I think he is talking about the CA18DE from the Bluebird/Stanza. It has alot of potential as an engine. Iron block as opposed to the SR20DEs aluminum block. Probably not really worth the money. The SR20DE is more common, thus more parts are to be found and more knowledge of it in the US. 

But whatever rocks your boat.


----------



## ScarCrow28 (May 14, 2002)

Samo - i think your the first person to say that its worth the effort to put in the SR20. thats what i want to do, but everyone keeps warning about all those extras you need. i think it would be common sense that you would need a tranny, exhaust, and other bolt ons like the Altenator (i dont' think i spelled that right). but they are screaming there is more to the story.

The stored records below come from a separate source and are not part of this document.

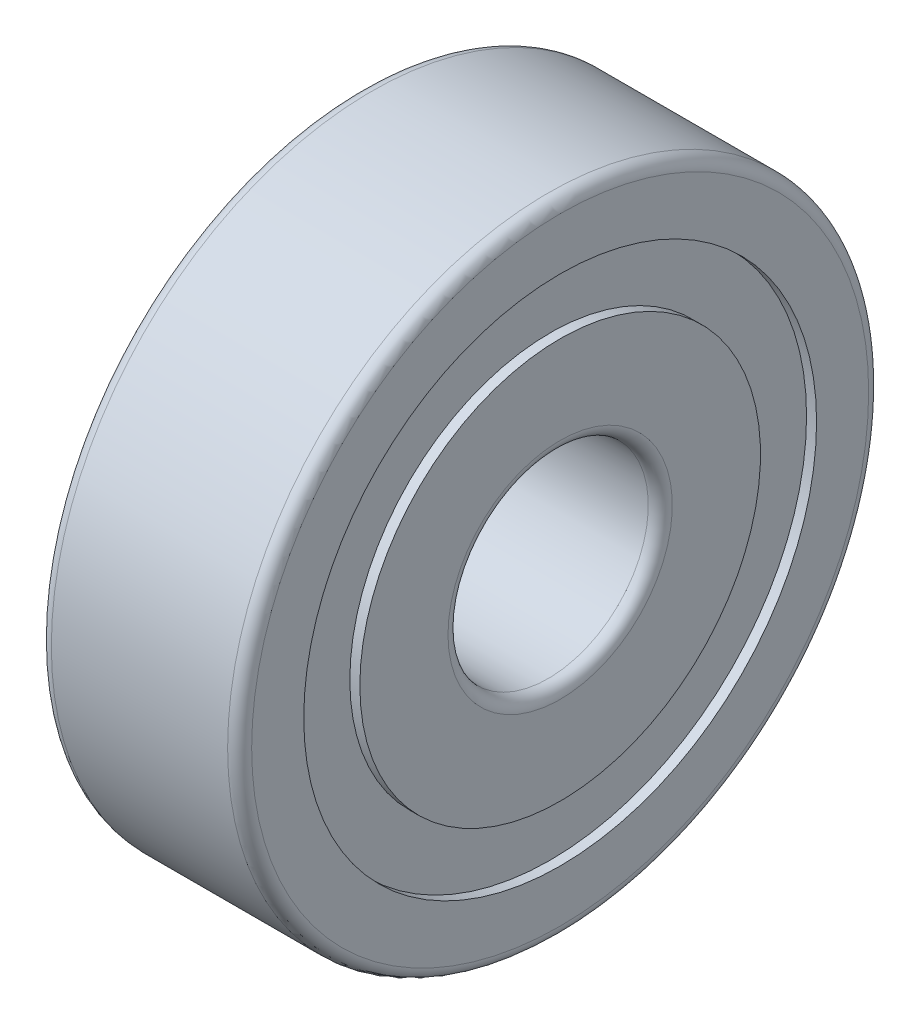
from build123d import *


with BuildPart() as part:
    # 草图1 → 旋转1 (revolve)
    with BuildSketch(Plane.XY, mode=Mode.PRIVATE) as revolve_1_sk:
        with BuildLine():
            Line((-2.5, 7.7), (-2.5, 6.4))
            Line((-2.5, 6.4), (-2.25, 6.4))
            Line((-2.25, 6.4), (-2.25, 5))
            Line((-2.25, 5), (-2.5, 5))
            Line((-2.5, 5), (-2.5, 2.8))
            ThreePointArc((-2.5, 2.8), (-2.412132034, 2.587867966), (-2.2, 2.5))
            Line((-2.2, 2.5), (2.2, 2.5))
            ThreePointArc((2.2, 2.5), (2.412132034, 2.587867966), (2.5, 2.8))
            Line((2.5, 2.8), (2.5, 5))
            Line((2.5, 5), (2.25, 5))
            Line((2.25, 5), (2.25, 6.4))
            Line((2.25, 6.4), (2.5, 6.4))
            Line((2.5, 6.4), (2.5, 7.7))
            ThreePointArc((2.5, 7.7), (2.412132034, 7.912132034), (2.2, 8))
            Line((2.2, 8), (-2.2, 8))
            ThreePointArc((-2.2, 8), (-2.412132034, 7.912132034), (-2.5, 7.7))
        make_face()
    revolve(revolve_1_sk.sketch.rotate(Axis((2.5, 0, 0), (-1, 0, 0)), 270), axis=Axis((2.5, 0, 0), (-1, 0, 0)))


solid = part.part
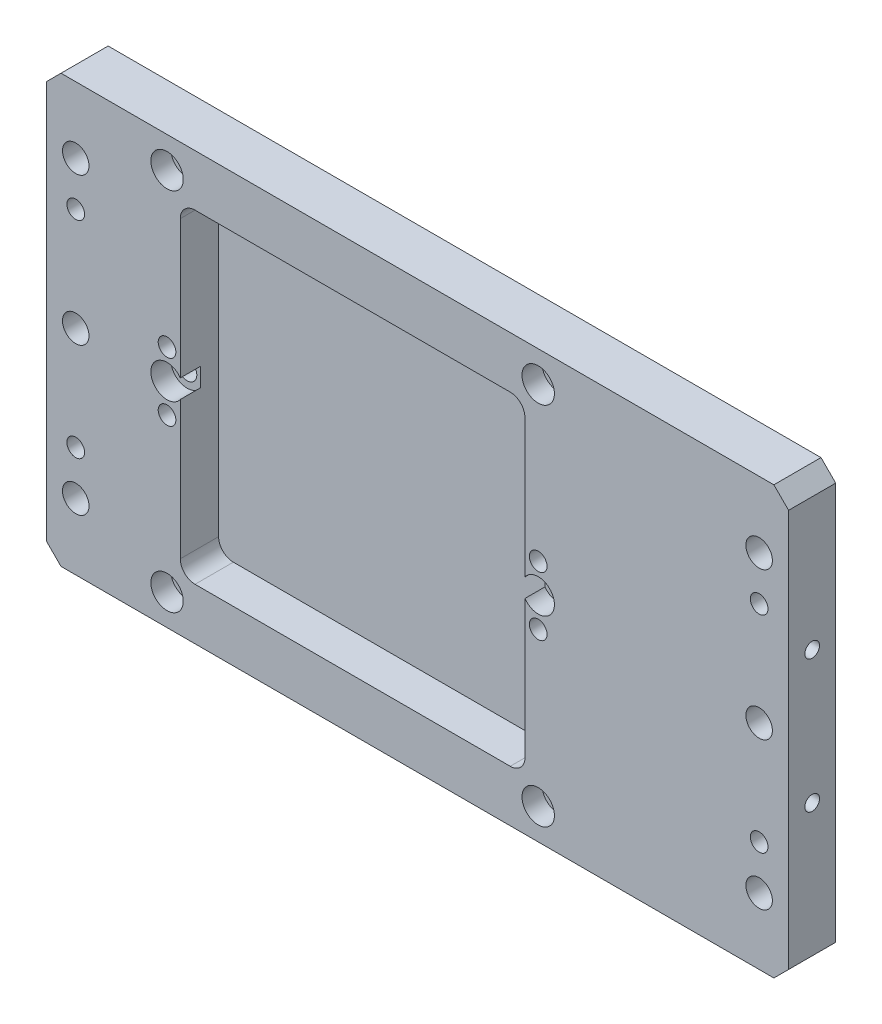
SolidWorks part; units mm, degrees
material "AL6061"
ref_plane "前视基准面" through (0, 0, 0) normal (0, 0, 1) x (1, 0, 0)
ref_plane "上视基准面" through (0, 0, 0) normal (0, 1, 0) x (1, 0, 0)
ref_plane "右视基准面" through (0, 0, 0) normal (1, 0, 0) x (0, 0, -1)
sketch "草图1" plane through (0, 0, 0) normal (0, 0, 1) x (1, 0, 0)
  line L0 (-112.4601, 0) -> (116.8053, 0) construction
  line L1 (0, 64.0136) -> (0, -65.8827) construction
  line L3 (-126, 72.5) -> (126, 72.5)
  line L4 (-126, 72.5) -> (-126, -72.5)
  line L5 (-126, -72.5) -> (126, -72.5)
  line L6 (126, 72.5) -> (126, -72.5)
  dimension "D1" = 252
  dimension "D2" = 145
extrude "凸台-拉伸1" add sketch "草图1" along normal mid plane 16
hole_wizard "打孔尺寸(%根据)内六角圆柱头螺钉的类型2" positions "草图2" profile "草图3" counterbore size "M6" standard "GB" end condition through all
sketch "草图2" plane through (0, 0, 8) normal (0, 0, 1) x (1, 0, 0)
  line L0 (-102.3868, 0) -> (104.6914, 0) construction
  line L3 (-22, 80.3531) -> (-22, -85.8193) construction
  line L4 (126, -72.5) -> (126, 72.5) construction
  point P0 (-85, 62)
  point P2 (-85, 0)
  point P6 (41, 62)
  point P8 (41, 0)
  point P14 (41, -62)
  point P15 (-85, -62)
  dimension "D1" = 148
  dimension "D2" = 126
  dimension "D3" = 124
sketch "草图3" plane through (-85, 62, 8) normal (1, 0, 0) x (0, -1, 0)
  line L0 (0, 0) -> (0, 16)
  line L1 (0, 16) -> (3.3, 16)
  line L3 (3.3, 16) -> (3.3, 6.8)
  line L4 (3.3, 6.8) -> (5.5, 6.8)
  line L5 (5.5, 6.8) -> (5.5, 0)
  line L7 (5.5, 0) -> (0, 0)
  line L11 (0, -6.35) -> (0, 107.95) construction
  dimension "通孔孔直径" = 6.6
  dimension "通孔孔深度" = 16
  dimension "柱形沉头孔直径" = 11
  dimension "柱形沉头孔深度" = 6.8
hole_wizard "打孔尺寸(%根据)内六角圆柱头螺钉的类型2" positions "草图4" profile "草图5" counterbore size "M8" standard "GB" end condition through all
sketch "草图4" plane through (0, 0, -8) normal (0, 0, -1) x (-1, 0, 0)
  line L0 (0, 65.4964) -> (0, -64.6476) construction
  line L1 (-129.0667, 0) -> (132.5867, 0) construction
  line L2 (-126, -72.5) -> (-126, 72.5) construction
  point P0 (-116, -50)
  point P2 (-116, 0)
  point P14 (-116, 50)
  dimension "D1" = 100
  dimension "D2" = 10
sketch "草图5" plane through (116, -50, -8) normal (1, 0, 0) x (0, 1, 0)
  line L0 (0, 0) -> (0, 16)
  line L1 (0, 16) -> (4.5, 16)
  line L3 (4.5, 16) -> (4.5, 9)
  line L4 (4.5, 9) -> (7.5, 9)
  line L5 (7.5, 9) -> (7.5, 0)
  line L7 (7.5, 0) -> (0, 0)
  line L11 (0, -6.35) -> (0, 107.95) construction
  dimension "通孔孔直径" = 9
  dimension "通孔孔深度" = 16
  dimension "柱形沉头孔直径" = 15
  dimension "柱形沉头孔深度" = 9
hole_wizard "Ø6.0 (6) 直径孔1" positions "草图6" profile "草图7" hole size "Ø6.0" standard "GB" end condition through all
sketch "草图6" plane through (0, 0, -8) normal (0, 0, -1) x (-1, 0, 0)
  line L0 (-126.3855, 0) -> (24.7303, 0) construction
  line L1 (-116, 0) -> (-116, 50) construction
  point P0 (-116, -35)
  point P7 (-116, 35)
  dimension "D1" = 70
sketch "草图7" plane through (116, -35, -8) normal (1, 0, 0) x (0, 1, 0)
  line L0 (0, 0) -> (0, 16)
  line L1 (0, 16) -> (3, 16)
  line L2 (3, 16) -> (3, 0)
  line L5 (3, 0) -> (0, 0)
  line L11 (0, -6.35) -> (0, 107.95) construction
  dimension "通孔孔直径" = 6
  dimension "通孔孔深度" = 16
mirror "镜向1" about plane through (0, 0, 0) normal (1, 0, 0) of "Ø6.0 (6) 直径孔1", "打孔尺寸(%根据)内六角圆柱头螺钉的类型2"
hole_wizard "Ø6.0 (6) 直径孔2" positions "草图8" profile "草图9" hole size "Ø6.0" standard "GB" end condition through all
sketch "草图8" plane through (0, 0, 8) normal (0, 0, 1) x (1, 0, 0)
  line L0 (41, 0) -> (41, -62) construction
  line L1 (-85, 0) -> (-85, -62) construction
  line L2 (-133.9978, 0) -> (130.2018, 0) construction
  point P0 (41, -10)
  point P18 (-85, -10)
  point P21 (-85, 10)
  point P22 (41, 10)
  dimension "D1" = 20
sketch "草图9" plane through (41, -10, 8) normal (1, 0, 0) x (0, -1, 0)
  line L0 (0, 0) -> (0, 16)
  line L1 (0, 16) -> (3, 16)
  line L2 (3, 16) -> (3, 0)
  line L5 (3, 0) -> (0, 0)
  line L11 (0, -6.35) -> (0, 107.95) construction
  dimension "通孔孔直径" = 6
  dimension "通孔孔深度" = 16
sketch "草图10" plane through (0, 0, 8) normal (0, 0, 1) x (1, 0, 0)
  line L0 (-133.5575, 0) -> (158.702, 0) construction
  line L1 (-22, 82.1752) -> (-22, -86.1837) construction
  line L3 (-75.5, 55) -> (31.5, 55)
  line L4 (-80.5, 50) -> (-80.5, -50)
  line L5 (-75.5, -55) -> (31.5, -55)
  line L6 (36.5, 50) -> (36.5, -50)
  circle A0 centre (-85, 62) radius 3.3 construction
  circle A1 centre (41, 62) radius 3.3 construction
  arc A2 (31.5, 55) -> (36.5, 50) centre (31.5, 50) cw
  arc A3 (-80.5, -50) -> (-75.5, -55) centre (-75.5, -50) ccw
  arc A4 (31.5, -55) -> (36.5, -50) centre (31.5, -50) ccw
  arc A5 (-75.5, 55) -> (-80.5, 50) centre (-75.5, 50) ccw
  dimension "D1" = 5
  dimension "D2" = 117
  dimension "D3" = 110
extrude "切除-拉伸1" cut sketch "草图10" against normal blind 13
chamfer "倒角1" distance 5 angle 45 4 edges at (-126, -72.5, 0) (126, -72.5, 0) (126, 72.5, 0) (-126, 72.5, 0)
hole_wizard "M6 螺纹孔2" positions "草图13" profile "草图14" tap size "M6" standard "ISO"
sketch "草图13" plane through (126, 0, 0) normal (1, 0, 0) x (0, 0, -1)
  line L0 (0, -64.8191) -> (0, 51.4581) construction
  line L1 (-11.3749, 0) -> (11.5555, 0) construction
  point P0 (0, 22.5)
  point P9 (0, -22.5)
  dimension "D1" = 45
sketch "草图14" plane through (126, 22.5, 0) normal (0, 1, 0) x (0, 0, -1)
  line L0 (0, 0) -> (0, 24.5022)
  line L1 (0, 24.5022) -> (2.5, 23)
  line L2 (2.5, 23) -> (2.5, 0)
  line L5 (2.5, 0) -> (0, 0)
  line L10 (0, 24.5022) -> (-2.5, 23) construction
  line L11 (0, -6.35) -> (0, 107.95) construction
  dimension "螺纹孔钻头直径" = 5
  dimension "螺纹孔钻头深度" = 23
  dimension "导头角度" = 118
cosmetic thread "孔螺蚊线3" parameters "D1"=20, "D2"=6
cosmetic thread "孔螺蚊线4" parameters "D1"=20, "D2"=6

well you guys answered my question. 1.8s don't match closely with the 1.6. i guess im stuck with my stock GA16 for a while anyway. i really can't wait to graduate and get a good career!


----------



## toolapcfan (Jul 10, 2002)

Lots more to the story. Not only does it cost a bunch of money and take a lot of work, but it's cost prohibitive because in the end you won't have the 4 wheel discs, 14" wheels, upgraded interior and gauge cluster unless you include those in your total. You can't build one cheaper than Nissan did is really the point. I'd been wanting to do the swap as well and researched it for several months before I realized that I should just buy the car I want, a classic SE-R.


----------



## ScarCrow28 (May 14, 2002)

i'd be willing to do it in the future. even if it does cost more. y? simply because my car is a 4dr. no one expects a SR20 in a 4dr old school. i plan to keep my 93 and use it as a hobby car. someday these cars will be looked at just like the doge darts and other classic 70's car. my dads first car was a dart. he says it was nothing special. but if you had one now, and transplanted a good powerplant. restored the whole car. that would be one sweet ride. even if it is mopar.


----------



## toolapcfan (Jul 10, 2002)

I agree ScarCrow. People always say, get a G20 if you want 4 doors and an SR20, and they're right in some sense. You have a nicer interior, better brakes (that can also be upgraded to an Altima setup very easily), you do loose the LSD though. However, I'm not a big fan of the P10's looks. I think the ideal 4 door would be a '94 GXE with a DET swap. Upgrade the brakes to a BABK 4 wheel disc, and a nice suspension setup. That'd be a nice sleeper. I've never even seen a B13 GXE. All you see is B14 and B15 GXE's. That would be my choice for a 4 door sleeper. Nice paintjob, some clean rims, probably 15's at largest. Maybe a sunny front end or some Tsuru headlights. I'm not normally a big fan of light mods but if you want a sharp sleeper with some nice subtle mods, they're out there if you're willing to spend the $$$. Dart's had that slant six in them and you could damn near pour sand in the crankcase and they'd still run strong from waht I understand. Those were indeed, underestimated cars when they were new.


----------



## Fast91SER (Jul 2, 2002)

Ok, if you really want to keep the car, and do a swap, dont bother with the 1.8. If you just want to have the car as a hobby, go with a DET. You will need to get a lot of parts, axles, tranny, wiring harness, etc. But if its not something you just want to do in a week, I say go for it. Get a DET, and keep getting parts till you build up that car!

Good luck.


----------



## ScarCrow28 (May 14, 2002)

Thanks fast. i'm taking one step at time. thats why i'm here. thats why i joined other forums and even se-r club. even thought i don't yet have one. i'm the kind of person who likes to gather some facts before diving in.


----------



## LexKyB13 (May 1, 2002)

your best bet is to fine a wrecked/cheap b13 SER and do a front clip swap. that way, you have all the parts on hand. i plan on doing this soon....


----------



## ScarCrow28 (May 14, 2002)

i take it you mean basically just weld a new front end on the car?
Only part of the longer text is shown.